Using AI to fight drug-resistant bacteria
When we think of traditional civil and environmental engineering research, some fields spring quickly to mind, including pollution control efforts in the natural environment, designing infrastructure systems like roads, airports, bridges, and water supply networks. Yet, understanding and improving the health of various built environments that serve society, such as hospitals and healthcare clinics, can fall into the realm of environmental engineering, and that is where one project commencing in the Civil, Materials, and Environmental Engineering Department will have the most impact.
“With our increased understanding of a hospital’s microbiome, i.e., the full range of pathogenic bacteria, viruses, and fungi that can be found in a hospital, it is of increasing importance that we develop and implement more effective infection prevention/infection control strategies within these types of facilities to protect human health,” said Assistant Professor Lisa M. Stabryla, director of the Stabryla Lab.
Stabryla emphasizes the important role of materials when engineering interventions. For this work, she is designing materials to combat emerging strains of antibiotic-resistant bacteria and make it harder for bacteria to develop resistance in the first place.
“Bacterial resistance to antibiotics is a major global public health threat. Nanomaterials — containing particles smaller than 100 nanometers in size (significantly smaller than a strand of human hair)—applied as surface coatings on medical devices (e.g., catheters, surgical instruments, wound dressings) could help prevent infections, especially in vulnerable patients and especially if designed rationally,” she said. “We don’t want to keep designing new antibiotics with the high likelihood of bacteria developing resistance to them quickly, making them ineffective after a short period of use.”
Stabryla added these nanotechnologies could be designed in a way that reduces the social, environmental, and economic impact of drug-resistant bacteria and has a long-lasting effect for the benefit of public health.
To achieve this goal faster, the research being conducted in her lab alongside a team of investigators combines machine learning with lab experiments to optimize nanomaterial design and identify promising structures that elicit enhanced antibacterial activity without selecting for negative consequences such as bacterial resistance.

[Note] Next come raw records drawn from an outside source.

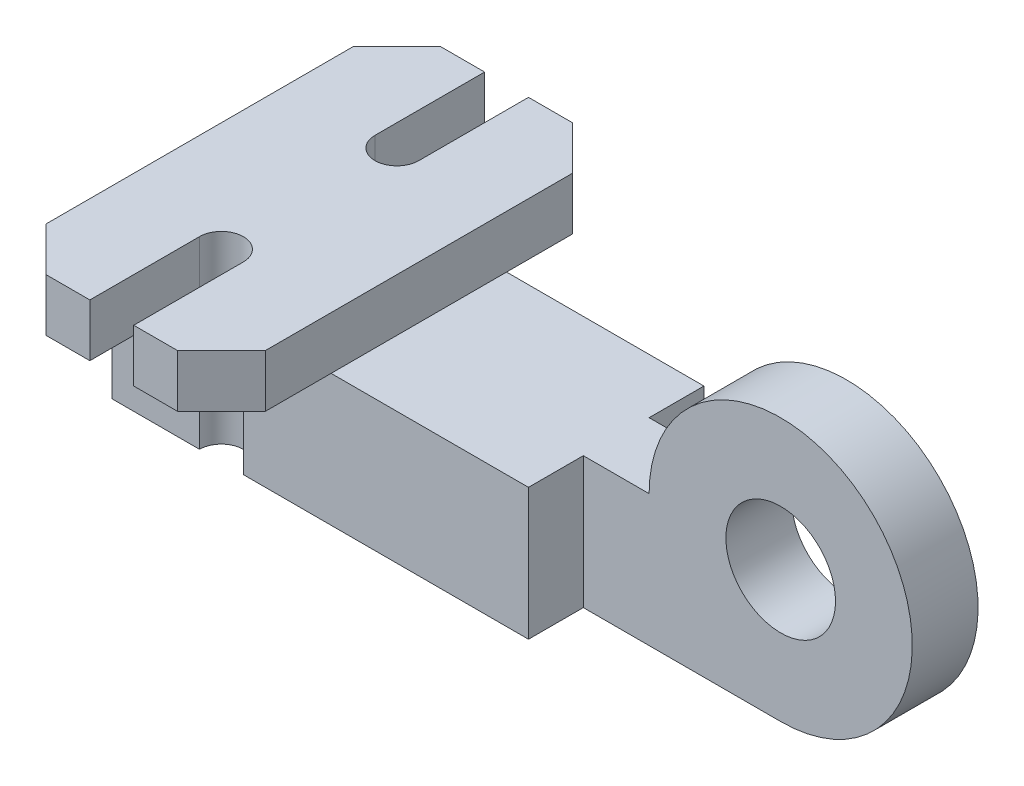
ISO-10303-21;
HEADER;
FILE_DESCRIPTION(('STEP AP214'),'2;1');
FILE_NAME('part.step','',(''),(''),'','','');
FILE_SCHEMA(('AUTOMOTIVE_DESIGN { 1 0 10303 214 1 1 1 1 }'));
ENDSEC;
DATA;
#1=APPLICATION_CONTEXT('core data for automotive mechanical design processes');
#2=APPLICATION_PROTOCOL_DEFINITION('international standard','automotive_design',2000,#1);
#3=PRODUCT_CONTEXT('',#1,'mechanical');
#4=PRODUCT('Part','Part','',(#3));
#5=PRODUCT_RELATED_PRODUCT_CATEGORY('part','',(#4));
#6=PRODUCT_DEFINITION_FORMATION('','',#4);
#7=PRODUCT_DEFINITION_CONTEXT('part definition',#1,'design');
#8=PRODUCT_DEFINITION('design','',#6,#7);
#9=PRODUCT_DEFINITION_SHAPE('','',#8);
#10=(LENGTH_UNIT() NAMED_UNIT(*) SI_UNIT(.MILLI.,.METRE.));
#11=(NAMED_UNIT(*) PLANE_ANGLE_UNIT() SI_UNIT($,.RADIAN.));
#12=(NAMED_UNIT(*) SI_UNIT($,.STERADIAN.) SOLID_ANGLE_UNIT());
#13=UNCERTAINTY_MEASURE_WITH_UNIT(LENGTH_MEASURE(1.E-05),#10,'distance_accuracy_value','');
#14=(GEOMETRIC_REPRESENTATION_CONTEXT(3) GLOBAL_UNCERTAINTY_ASSIGNED_CONTEXT((#13)) GLOBAL_UNIT_ASSIGNED_CONTEXT((#10,
#11,#12)) REPRESENTATION_CONTEXT('',''));
#15=CARTESIAN_POINT('',(0.,0.,0.));
#16=DIRECTION('',(0.,0.,1.));
#17=DIRECTION('',(1.,0.,0.));
#18=AXIS2_PLACEMENT_3D('',#15,#16,#17);
#19=CARTESIAN_POINT('',(0.,0.,20.));
#20=DIRECTION('',(0.,0.,-1.));
#21=DIRECTION('',(-1.,0.,0.));
#22=AXIS2_PLACEMENT_3D('',#19,#20,#21);
#23=PLANE('',#22);
#24=DIRECTION('',(-1.,0.,0.));
#25=VECTOR('',#24,1.);
#26=CARTESIAN_POINT('',(-47.5,15.,20.));
#27=LINE('',#26,#25);
#28=CARTESIAN_POINT('',(2.5,15.,20.));
#29=VERTEX_POINT('',#28);
#30=CARTESIAN_POINT('',(-17.5,15.,20.));
#31=VERTEX_POINT('',#30);
#32=EDGE_CURVE('E343',#29,#31,#27,.T.);
#33=ORIENTED_EDGE('',*,*,#32,.T.);
#34=DIRECTION('',(0.,1.,0.));
#35=VECTOR('',#34,1.);
#36=CARTESIAN_POINT('',(-17.5,-15.,20.));
#37=LINE('',#36,#35);
#38=CARTESIAN_POINT('',(-17.5,-15.,20.));
#39=VERTEX_POINT('',#38);
#40=EDGE_CURVE('E783',#39,#31,#37,.T.);
#41=ORIENTED_EDGE('',*,*,#40,.F.);
#42=DIRECTION('',(1.,0.,0.));
#43=VECTOR('',#42,1.);
#44=CARTESIAN_POINT('',(-47.5,-15.,20.));
#45=LINE('',#44,#43);
#46=CARTESIAN_POINT('',(47.5,-15.,20.));
#47=VERTEX_POINT('',#46);
#48=EDGE_CURVE('E347',#39,#47,#45,.T.);
#49=ORIENTED_EDGE('',*,*,#48,.T.);
#50=DIRECTION('',(0.,1.,0.));
#51=VECTOR('',#50,1.);
#52=CARTESIAN_POINT('',(47.5,-15.,20.));
#53=LINE('',#52,#51);
#54=CARTESIAN_POINT('',(47.5,15.,20.));
#55=VERTEX_POINT('',#54);
#56=EDGE_CURVE('E259',#47,#55,#53,.T.);
#57=ORIENTED_EDGE('',*,*,#56,.T.);
#58=EDGE_CURVE('E337',#55,#29,#27,.T.);
#59=ORIENTED_EDGE('',*,*,#58,.T.);
#60=EDGE_LOOP('',(#33,#41,#49,#57,#59));
#61=FACE_BOUND('',#60,.T.);
#62=ADVANCED_FACE('F50',(#61),#23,.F.);
#63=CARTESIAN_POINT('',(0.,0.,-20.));
#64=DIRECTION('',(0.,0.,-1.));
#65=DIRECTION('',(-1.,0.,0.));
#66=AXIS2_PLACEMENT_3D('',#63,#64,#65);
#67=PLANE('',#66);
#68=DIRECTION('',(0.,1.,0.));
#69=VECTOR('',#68,1.);
#70=CARTESIAN_POINT('',(-27.5,-15.,-20.));
#71=LINE('',#70,#69);
#72=CARTESIAN_POINT('',(-27.5,-15.,-20.));
#73=VERTEX_POINT('',#72);
#74=CARTESIAN_POINT('',(-27.5,15.,-20.));
#75=VERTEX_POINT('',#74);
#76=EDGE_CURVE('E792',#73,#75,#71,.T.);
#77=ORIENTED_EDGE('',*,*,#76,.F.);
#78=DIRECTION('',(1.,0.,0.));
#79=VECTOR('',#78,1.);
#80=CARTESIAN_POINT('',(-47.5,-15.,-20.));
#81=LINE('',#80,#79);
#82=CARTESIAN_POINT('',(-47.5,-15.,-20.));
#83=VERTEX_POINT('',#82);
#84=EDGE_CURVE('E248',#83,#73,#81,.T.);
#85=ORIENTED_EDGE('',*,*,#84,.F.);
#86=DIRECTION('',(0.,-1.,0.));
#87=VECTOR('',#86,1.);
#88=CARTESIAN_POINT('',(-47.5,-15.,-20.));
#89=LINE('',#88,#87);
#90=CARTESIAN_POINT('',(-47.5,15.,-20.));
#91=VERTEX_POINT('',#90);
#92=EDGE_CURVE('E260',#91,#83,#89,.T.);
#93=ORIENTED_EDGE('',*,*,#92,.F.);
#94=DIRECTION('',(-1.,0.,0.));
#95=VECTOR('',#94,1.);
#96=CARTESIAN_POINT('',(-47.5,15.,-20.));
#97=LINE('',#96,#95);
#98=EDGE_CURVE('E348',#75,#91,#97,.T.);
#99=ORIENTED_EDGE('',*,*,#98,.F.);
#100=EDGE_LOOP('',(#77,#85,#93,#99));
#101=FACE_BOUND('',#100,.T.);
#102=ADVANCED_FACE('F364',(#101),#67,.T.);
#103=CARTESIAN_POINT('',(0.,15.,0.));
#104=DIRECTION('',(0.,1.,0.));
#105=DIRECTION('',(0.,0.,1.));
#106=AXIS2_PLACEMENT_3D('',#103,#104,#105);
#107=PLANE('',#106);
#108=DIRECTION('',(0.,0.,1.));
#109=VECTOR('',#108,1.);
#110=CARTESIAN_POINT('',(-47.5,15.,-45.));
#111=LINE('',#110,#109);
#112=CARTESIAN_POINT('',(-47.5,15.,-35.));
#113=VERTEX_POINT('',#112);
#114=EDGE_CURVE('E328',#113,#91,#111,.T.);
#115=ORIENTED_EDGE('',*,*,#114,.F.);
#116=DIRECTION('',(-0.707106781186548,0.,0.707106781186547));
#117=VECTOR('',#116,1.);
#118=CARTESIAN_POINT('',(-47.5,15.,-35.));
#119=LINE('',#118,#117);
#120=CARTESIAN_POINT('',(-37.5,15.,-45.));
#121=VERTEX_POINT('',#120);
#122=EDGE_CURVE('E305',#113,#121,#119,.F.);
#123=ORIENTED_EDGE('',*,*,#122,.T.);
#124=DIRECTION('',(-1.,0.,0.));
#125=VECTOR('',#124,1.);
#126=CARTESIAN_POINT('',(-47.5,15.,-45.));
#127=LINE('',#126,#125);
#128=CARTESIAN_POINT('',(-27.5,15.,-45.));
#129=VERTEX_POINT('',#128);
#130=EDGE_CURVE('E334',#129,#121,#127,.T.);
#131=ORIENTED_EDGE('',*,*,#130,.F.);
#132=DIRECTION('',(0.,0.,1.));
#133=VECTOR('',#132,1.);
#134=CARTESIAN_POINT('',(-27.5,15.,0.));
#135=LINE('',#134,#133);
#136=EDGE_CURVE('E361',#129,#75,#135,.T.);
#137=ORIENTED_EDGE('',*,*,#136,.T.);
#138=ORIENTED_EDGE('',*,*,#98,.T.);
#139=EDGE_LOOP('',(#115,#123,#131,#137,#138));
#140=FACE_BOUND('',#139,.T.);
#141=ADVANCED_FACE('F363',(#140),#107,.F.);
#142=CARTESIAN_POINT('',(-47.5,27.,45.));
#143=DIRECTION('',(0.,0.,-1.));
#144=DIRECTION('',(-1.,0.,0.));
#145=AXIS2_PLACEMENT_3D('',#142,#143,#144);
#146=PLANE('',#145);
#147=DIRECTION('',(1.,0.,0.));
#148=VECTOR('',#147,1.);
#149=CARTESIAN_POINT('',(-47.5,15.,45.));
#150=LINE('',#149,#148);
#151=CARTESIAN_POINT('',(-17.5,15.,45.));
#152=VERTEX_POINT('',#151);
#153=CARTESIAN_POINT('',(-7.50000000000003,15.,45.));
#154=VERTEX_POINT('',#153);
#155=EDGE_CURVE('E322',#152,#154,#150,.T.);
#156=ORIENTED_EDGE('',*,*,#155,.T.);
#157=DIRECTION('',(0.,1.,0.));
#158=VECTOR('',#157,1.);
#159=CARTESIAN_POINT('',(-7.50000000000003,27.,45.));
#160=LINE('',#159,#158);
#161=CARTESIAN_POINT('',(-7.50000000000003,27.,45.));
#162=VERTEX_POINT('',#161);
#163=EDGE_CURVE('E306',#154,#162,#160,.T.);
#164=ORIENTED_EDGE('',*,*,#163,.T.);
#165=DIRECTION('',(1.,0.,0.));
#166=VECTOR('',#165,1.);
#167=CARTESIAN_POINT('',(-47.5,27.,45.));
#168=LINE('',#167,#166);
#169=CARTESIAN_POINT('',(-17.5,27.,45.));
#170=VERTEX_POINT('',#169);
#171=EDGE_CURVE('E392',#170,#162,#168,.T.);
#172=ORIENTED_EDGE('',*,*,#171,.F.);
#173=DIRECTION('',(0.,1.,0.));
#174=VECTOR('',#173,1.);
#175=CARTESIAN_POINT('',(-17.5,-15.,45.));
#176=LINE('',#175,#174);
#177=EDGE_CURVE('E789',#152,#170,#176,.T.);
#178=ORIENTED_EDGE('',*,*,#177,.F.);
#179=EDGE_LOOP('',(#156,#164,#172,#178));
#180=FACE_BOUND('',#179,.T.);
#181=ADVANCED_FACE('F567',(#180),#146,.F.);
#182=CARTESIAN_POINT('',(-47.5,27.,-45.));
#183=DIRECTION('',(0.,0.,1.));
#184=DIRECTION('',(1.,0.,0.));
#185=AXIS2_PLACEMENT_3D('',#182,#183,#184);
#186=PLANE('',#185);
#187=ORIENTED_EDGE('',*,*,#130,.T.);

“Instead of taking a laborious trial-and-error approach in synthesizing different designs and then testing their antimicrobial activity in the lab, I’m working with a team of investigators on developing a machine-learning based, inverse-design model where we can input all the antimicrobial activity data we’ve collected from the literature, as well as empirically in our own lab. The output of such a model will be a narrow subset of candidate material structures or shapes that we can then test in the lab that may yield the higher levels of antimicrobial activity and minimized bacterial resistance outcomes that we want,” she said.
This research is one of several projects supported by seed funding from the Institute for Health Data Science Research. The institute, an initiative of the Office of the Vice Chancellor for Research at UIC, aims to bridge data science and computing research on campus with healthcare research while fostering interdisciplinary collaboration across the university. Building on the broad scientific strengths and health equity mission of UIC, the institute unites experts from across campus to maximize the potential and minimize the consequences of using AI in medical research and care.
In addition to Stabryla, team members include Jida Huang, assistant professor in the Department of Mechanical and Industrial Engineering, Kyunghee Han, PhD, assistant professor in the Department of Mathematics, Statistics, and Computer Science, and William E. Ackerman IV, MD, research associate professor in the Department of Obstetrics and Gynecology.
“This is a very interdisciplinary project, which is unique and exciting to have vastly different expertise brought together. Naturally, the development of innovative solutions likely to have the greatest impact on public health are going to lie at the intersection of different fields,” she said. “This research has the potential to revolutionize any antimicrobial application, whether that is in the clinic or drinking water disinfection, food preparation surfaces, and food safety, anywhere where antimicrobial function is needed to inactivate pathogens. This could potentially yield long-lasting solutions to prevent infection and benefit public health.”